When researching Copán, I ran across a traveler blogging his way around the world. When he posted about Copán, he simply said, "It is not all it was cracked up to be." I disagreed. And that inspired me to try to write a comprehensive story about Copán. I uploaded the photos weeks ago, and finally, yesterday, I was ready to post. The bummer is, it posted itself according to the date I added the photos, and it is not the first post you find if you open the page.

Here are some of the Copán figurines we bought. We loved them! They cost 50 cents US each. They are cheap imitations, and if you look closely, you can see most of them have been broken and glued back together. What was funny was we bought a few the first day, and on our second day at the ruins we sought out the two young boys who sold us the first ones, and bought almost all they had. We bought 18 of these. Practically everything at Copán is about King 18 Rabbit...........I prefer Uaxaklajún Ubaah K'awil......he is represented by many of the stelae at the site....and I guess we felt we needed 18 of them.

Left to right, King 18 Rabbit, King 18 Rabbit, King Smoke Shell, King 18 Rabbit, unknown subject, and unknown subject.

Ok, I don't know if the third one is King Smoke Shell, I made that up. He just looks like he should be called King Smoke Shell.
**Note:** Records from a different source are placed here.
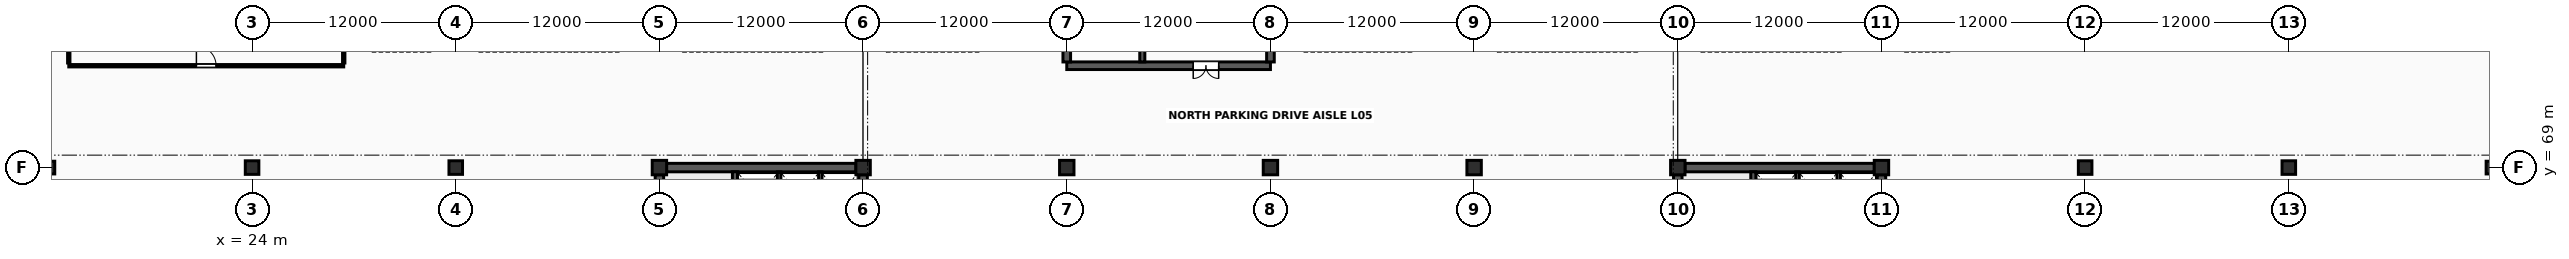
"""IFC4 building model, lengths in metres.
Left out: names, types, materials, properties, quantities, classifications, styles, units other than length and angle.
Written with IfcOpenShell. Run it as: python <this file> out.ifc"""

import sys

from ifc_helpers import new_model, si_unit, direction, frame, frame_2d, origin, origin_2d, place, context, subcontext, project, spatial, rectangle, extrude, element, fill, save


model = new_model("IFC4")
c1 = context("Model", 3, precision=1e-05, world=origin(), true_north=direction((0.0, 1.0)))
c2 = subcontext(c1, "Body", "Model", "MODEL_VIEW")
j1 = project(units=[si_unit("LENGTHUNIT", "METRE"), si_unit("PLANEANGLEUNIT", "RADIAN")], contexts=[c1])
p1 = place(None, origin())
s1 = spatial("IfcSite", under=j1, at=p1, CompositionType="ELEMENT")
p2 = place(p1, origin())
s2 = spatial("IfcBuilding", under=s1, at=p2, CompositionType="ELEMENT")
p3 = place(p2, frame((0.0, 0.0, 21.0)))
s3 = spatial("IfcBuildingStorey", under=s2, at=p3, CompositionType="ELEMENT", Elevation=21.0)
p4 = place(p3, frame((12.0, 69.0, 0.0), z_axis=(0.0, 0.0, 1.0), x_axis=(1.0, 0.0, 0.0)))
e1 = element("IfcColumn", 1, at=p4, inside=s3, PredefinedType="COLUMN", context=c2, shape_type="SweptSolid", body=[
    extrude(rectangle(XDim=0.75, YDim=0.75, at=origin_2d()), origin(), (0.0, 0.0, 1.0), 3.8),
])
for number, where, z_axis, x_axis in (
    (2, (24.0, 69.0, 0.0), (0.0, 0.0, 1.0), (1.0, 0.0, 0.0)),
    (3, (36.0, 69.0, 0.0), (0.0, 0.0, 1.0), (1.0, 0.0, 0.0)),
):
    element("IfcColumn", number, at=place(p3, frame(where, z_axis=z_axis, x_axis=x_axis)), inside=s3, PredefinedType="COLUMN", context=c2, shape_type="SweptSolid", body=[
        extrude(rectangle(XDim=0.8, YDim=0.8, at=origin_2d()), origin(), (0.0, 0.0, 1.0), 3.8),
    ])
for number, where, z_axis, x_axis in (
    (4, (48.0, 69.0, 0.0), (0.0, 0.0, 1.0), (1.0, 0.0, 0.0)),
    (5, (60.0, 69.0, 0.0), (0.0, 0.0, 1.0), (1.0, 0.0, 0.0)),
    (6, (72.0, 69.0, 0.0), (0.0, 0.0, 1.0), (1.0, 0.0, 0.0)),
    (7, (84.0, 69.0, 0.0), (0.0, 0.0, 1.0), (1.0, 0.0, 0.0)),
    (8, (96.0, 69.0, 0.0), (0.0, 0.0, 1.0), (1.0, 0.0, 0.0)),
    (9, (108.0, 69.0, 0.0), (0.0, 0.0, 1.0), (1.0, 0.0, 0.0)),
    (10, (120.0, 69.0, 0.0), (0.0, 0.0, 1.0), (1.0, 0.0, 0.0)),
):
    element("IfcColumn", number, at=place(p3, frame(where, z_axis=z_axis, x_axis=x_axis)), inside=s3, PredefinedType="COLUMN", context=c2, shape_type="SweptSolid", body=[
        extrude(rectangle(XDim=0.85, YDim=0.85, at=origin_2d()), origin(), (0.0, 0.0, 1.0), 3.8),
    ])
for number, where, z_axis, x_axis in (
    (11, (132.0, 69.0, 0.0), (0.0, 0.0, 1.0), (1.0, 0.0, 0.0)),
    (12, (144.0, 69.0, 0.0), (0.0, 0.0, 1.0), (1.0, 0.0, 0.0)),
):
    element("IfcColumn", number, at=place(p3, frame(where, z_axis=z_axis, x_axis=x_axis)), inside=s3, PredefinedType="COLUMN", context=c2, shape_type="SweptSolid", body=[
        extrude(rectangle(XDim=0.8, YDim=0.8, at=origin_2d()), origin(), (0.0, 0.0, 1.0), 3.8),
    ])
p5 = place(p3, frame((156.0, 69.0, 0.0), z_axis=(0.0, 0.0, 1.0), x_axis=(1.0, 0.0, 0.0)))
e13 = element("IfcColumn", 13, at=p5, inside=s3, PredefinedType="COLUMN", context=c2, shape_type="SweptSolid", body=[
    extrude(rectangle(XDim=0.75, YDim=0.75, at=origin_2d()), origin(), (0.0, 0.0, 1.0), 3.8),
])
for number, where, z_axis, x_axis in (
    (14, (48.422, 69.0, 0.0), (0.0, 0.0, 1.0), (1.0, 0.0, 0.0)),
    (15, (48.0, 57.422, 0.0), (0.0, 0.0, 1.0), (0.0, 1.0, 0.0)),
    (16, (60.0, 57.422, 0.0), (0.0, 0.0, 1.0), (0.0, 1.0, 0.0)),
):
    element("IfcWall", number, at=place(p3, frame(where, z_axis=z_axis, x_axis=x_axis)), inside=s3, PredefinedType="SHEAR", context=c2, shape_type="SweptSolid", body=[
        extrude(rectangle(XDim=11.156, YDim=0.5, at=frame_2d((5.578, 0.0))), origin(), (0.0, 0.0, 1.0), 3.638),
    ])
p6 = place(p3, frame((52.45, 57.247, 0.0), z_axis=(0.0, 0.0, 1.0), x_axis=(0.0, 1.0, 0.0)))
e17 = element("IfcWall", 17, at=p6, inside=s3, PredefinedType="SHEAR", context=c2, shape_type="SweptSolid", body=[
    extrude(rectangle(XDim=11.506, YDim=0.3, at=frame_2d((5.753, 0.0))), origin(), (0.0, 0.0, 1.0), 3.638),
])
p7 = place(p6, frame((0.9, 0.0, 0.0)))
e18 = element("IfcOpeningElement", 18, at=p7, cuts=e17, PredefinedType="OPENING", context=c2, shape_type="SweptSolid", body=[
    extrude(rectangle(XDim=1.1, YDim=2.2, at=frame_2d((0.55, 1.1))), frame((0.0, 0.165, 0.0), z_axis=(0.0, -1.0, 0.0), x_axis=(1.0, 0.0, 0.0)), (0.0, 0.0, 1.0), 0.33),
])
for number, where, z_axis, x_axis in (
    (19, (55.05, 65.92, 0.0), (0.0, 0.0, 1.0), (0.0, 1.0, 0.0)),
    (20, (57.48, 65.92, 0.0), (0.0, 0.0, 1.0), (0.0, 1.0, 0.0)),
):
    element("IfcWall", number, at=place(p3, frame(where, z_axis=z_axis, x_axis=x_axis)), inside=s3, PredefinedType="SOLIDWALL", context=c2, shape_type="SweptSolid", body=[
        extrude(rectangle(XDim=2.83, YDim=0.2, at=frame_2d((1.415, 0.0))), origin(), (0.0, 0.0, 1.0), 3.628),
    ])
for number, where, z_axis, x_axis in (
    (21, (108.422, 69.0, 0.0), (0.0, 0.0, 1.0), (1.0, 0.0, 0.0)),
    (22, (108.0, 57.422, 0.0), (0.0, 0.0, 1.0), (0.0, 1.0, 0.0)),
    (23, (120.0, 57.422, 0.0), (0.0, 0.0, 1.0), (0.0, 1.0, 0.0)),
):
    element("IfcWall", number, at=place(p3, frame(where, z_axis=z_axis, x_axis=x_axis)), inside=s3, PredefinedType="SHEAR", context=c2, shape_type="SweptSolid", body=[
        extrude(rectangle(XDim=11.156, YDim=0.5, at=frame_2d((5.578, 0.0))), origin(), (0.0, 0.0, 1.0), 3.638),
    ])
p8 = place(p3, frame((112.45, 57.247, 0.0), z_axis=(0.0, 0.0, 1.0), x_axis=(0.0, 1.0, 0.0)))
e24 = element("IfcWall", 24, at=p8, inside=s3, PredefinedType="SHEAR", context=c2, shape_type="SweptSolid", body=[
    extrude(rectangle(XDim=11.506, YDim=0.3, at=frame_2d((5.753, 0.0))), origin(), (0.0, 0.0, 1.0), 3.638),
])
p9 = place(p8, frame((0.9, 0.0, 0.0)))
e25 = element("IfcOpeningElement", 25, at=p9, cuts=e24, PredefinedType="OPENING", context=c2, shape_type="SweptSolid", body=[
    extrude(rectangle(XDim=1.1, YDim=2.2, at=frame_2d((0.55, 1.1))), frame((0.0, 0.165, 0.0), z_axis=(0.0, -1.0, 0.0), x_axis=(1.0, 0.0, 0.0)), (0.0, 0.0, 1.0), 0.33),
])
for number, where, z_axis, x_axis in (
    (26, (115.05, 65.92, 0.0), (0.0, 0.0, 1.0), (0.0, 1.0, 0.0)),
    (27, (117.48, 65.92, 0.0), (0.0, 0.0, 1.0), (0.0, 1.0, 0.0)),
):
    element("IfcWall", number, at=place(p3, frame(where, z_axis=z_axis, x_axis=x_axis)), inside=s3, PredefinedType="SOLIDWALL", context=c2, shape_type="SweptSolid", body=[
        extrude(rectangle(XDim=2.83, YDim=0.2, at=frame_2d((1.415, 0.0))), origin(), (0.0, 0.0, 1.0), 3.628),
    ])
p10 = place(p3, frame((72.0, 75.0, 0.0), z_axis=(0.0, 0.0, 1.0), x_axis=(1.0, 0.0, 0.0)))
e28 = element("IfcWall", 28, at=p10, inside=s3, PredefinedType="SHEAR", context=c2, shape_type="SweptSolid", body=[
    extrude(rectangle(XDim=12.0, YDim=0.45, at=frame_2d((6.0, 0.0))), origin(), (0.0, 0.0, 1.0), 3.638),
])
p11 = place(p10, frame((7.45, 0.0, 0.0)))
e29 = element("IfcOpeningElement", 29, at=p11, cuts=e28, PredefinedType="OPENING", context=c2, shape_type="SweptSolid", body=[
    extrude(rectangle(XDim=1.5, YDim=2.25, at=frame_2d((0.75, 1.125))), frame((0.0, 0.24, 0.0), z_axis=(0.0, -1.0, 0.0), x_axis=(1.0, 0.0, 0.0)), (0.0, 0.0, 1.0), 0.48),
])
for number, where, z_axis, x_axis in (
    (30, (72.0, 75.222, 0.0), (0.0, 0.0, 1.0), (0.0, 1.0, 0.0)),
    (31, (84.0, 75.222, 0.0), (0.0, 0.0, 1.0), (0.0, 1.0, 0.0)),
):
    element("IfcWall", number, at=place(p3, frame(where, z_axis=z_axis, x_axis=x_axis)), inside=s3, PredefinedType="SHEAR", context=c2, shape_type="SweptSolid", body=[
        extrude(rectangle(XDim=11.381, YDim=0.45, at=frame_2d((5.69, 0.0))), origin(), (0.0, 0.0, 1.0), 3.638),
    ])
p12 = place(p3, frame((76.45, 75.222, 0.0), z_axis=(0.0, 0.0, 1.0), x_axis=(0.0, 1.0, 0.0)))
e32 = element("IfcWall", 32, at=p12, inside=s3, PredefinedType="SHEAR", context=c2, shape_type="SweptSolid", body=[
    extrude(rectangle(XDim=11.556, YDim=0.3, at=frame_2d((5.778, 0.0))), origin(), (0.0, 0.0, 1.0), 3.638),
])
p13 = place(p12, frame((0.9, 0.0, 0.0)))
e33 = element("IfcOpeningElement", 33, at=p13, cuts=e32, PredefinedType="OPENING", context=c2, shape_type="SweptSolid", body=[
    extrude(rectangle(XDim=1.1, YDim=2.2, at=frame_2d((0.55, 1.1))), frame((0.0, 0.165, 0.0), z_axis=(0.0, -1.0, 0.0), x_axis=(1.0, 0.0, 0.0)), (0.0, 0.0, 1.0), 0.33),
])
p14 = place(p3, frame((13.2, 75.0, 0.0), z_axis=(0.0, 0.0, 1.0), x_axis=(1.0, 0.0, 0.0)))
e34 = element("IfcWall", 34, at=p14, inside=s3, PredefinedType="PARTITIONING", context=c2, shape_type="SweptSolid", body=[
    extrude(rectangle(XDim=16.2, YDim=0.14, at=frame_2d((8.1, 0.0))), origin(), (0.0, 0.0, 1.0), 2.75),
])
p15 = place(p14, frame((7.52, 0.0, 0.0)))
e35 = element("IfcOpeningElement", 35, at=p15, cuts=e34, PredefinedType="OPENING", context=c2, shape_type="SweptSolid", body=[
    extrude(rectangle(XDim=1.16, YDim=2.23, at=frame_2d((0.58, 1.115))), frame((0.0, 0.085, 0.0), z_axis=(0.0, -1.0, 0.0), x_axis=(1.0, 0.0, 0.0)), (0.0, 0.0, 1.0), 0.17),
])
for number, where, z_axis, x_axis in (
    (36, (13.2, 75.16, 0.0), (0.0, 0.0, 1.0), (0.0, 1.0, 0.0)),
    (37, (29.4, 75.16, 0.0), (0.0, 0.0, 1.0), (0.0, 1.0, 0.0)),
):
    element("IfcWall", number, at=place(p3, frame(where, z_axis=z_axis, x_axis=x_axis)), inside=s3, PredefinedType="PARTITIONING", context=c2, shape_type="SweptSolid", body=[
        extrude(rectangle(XDim=15.68, YDim=0.14, at=frame_2d((7.84, 0.0))), origin(), (0.0, 0.0, 1.0), 2.75),
    ])
p16 = place(p11, origin())
e38 = element("IfcDoor", 38, at=p16, inside=s3, OperationType="DOUBLE_DOOR_SINGLE_SWING", PredefinedType="DOOR", context=c2, shape_type="SweptSolid", body=[
    extrude(rectangle(XDim=1.5, YDim=2.25, at=frame_2d((0.75, 1.125))), frame((0.0, 0.025, 0.0), z_axis=(0.0, -1.0, 0.0), x_axis=(1.0, 0.0, 0.0)), (0.0, 0.0, 1.0), 0.05),
])
fill(e29, e38)
p17 = place(p15, origin())
e39 = element("IfcDoor", 39, at=p17, inside=s3, OperationType="SINGLE_SWING_LEFT", PredefinedType="DOOR", context=c2, shape_type="SweptSolid", body=[
    extrude(rectangle(XDim=1.16, YDim=2.23, at=frame_2d((0.58, 1.115))), frame((0.0, 0.025, 0.0), z_axis=(0.0, -1.0, 0.0), x_axis=(1.0, 0.0, 0.0)), (0.0, 0.0, 1.0), 0.05),
])
fill(e35, e39)
save(model, sys.argv[1])

The heiroglyphics on all sides of the stelae at Copán are intriguing. I can recognize numbers and certain characters and glyphs, but it seems so complicated. I know Chak when I see him, and of course now Uaxaklajún (18) Ubaah K'awil (Rabbit)..........but I have a long way to go.

These are views of the back sides of the little cheap replicas from my mayan god collection. Copán is a spectacular place, you just have to know what it is you are looking for when you get there. Foresight is more difficult than hindsight, but well worth the effort.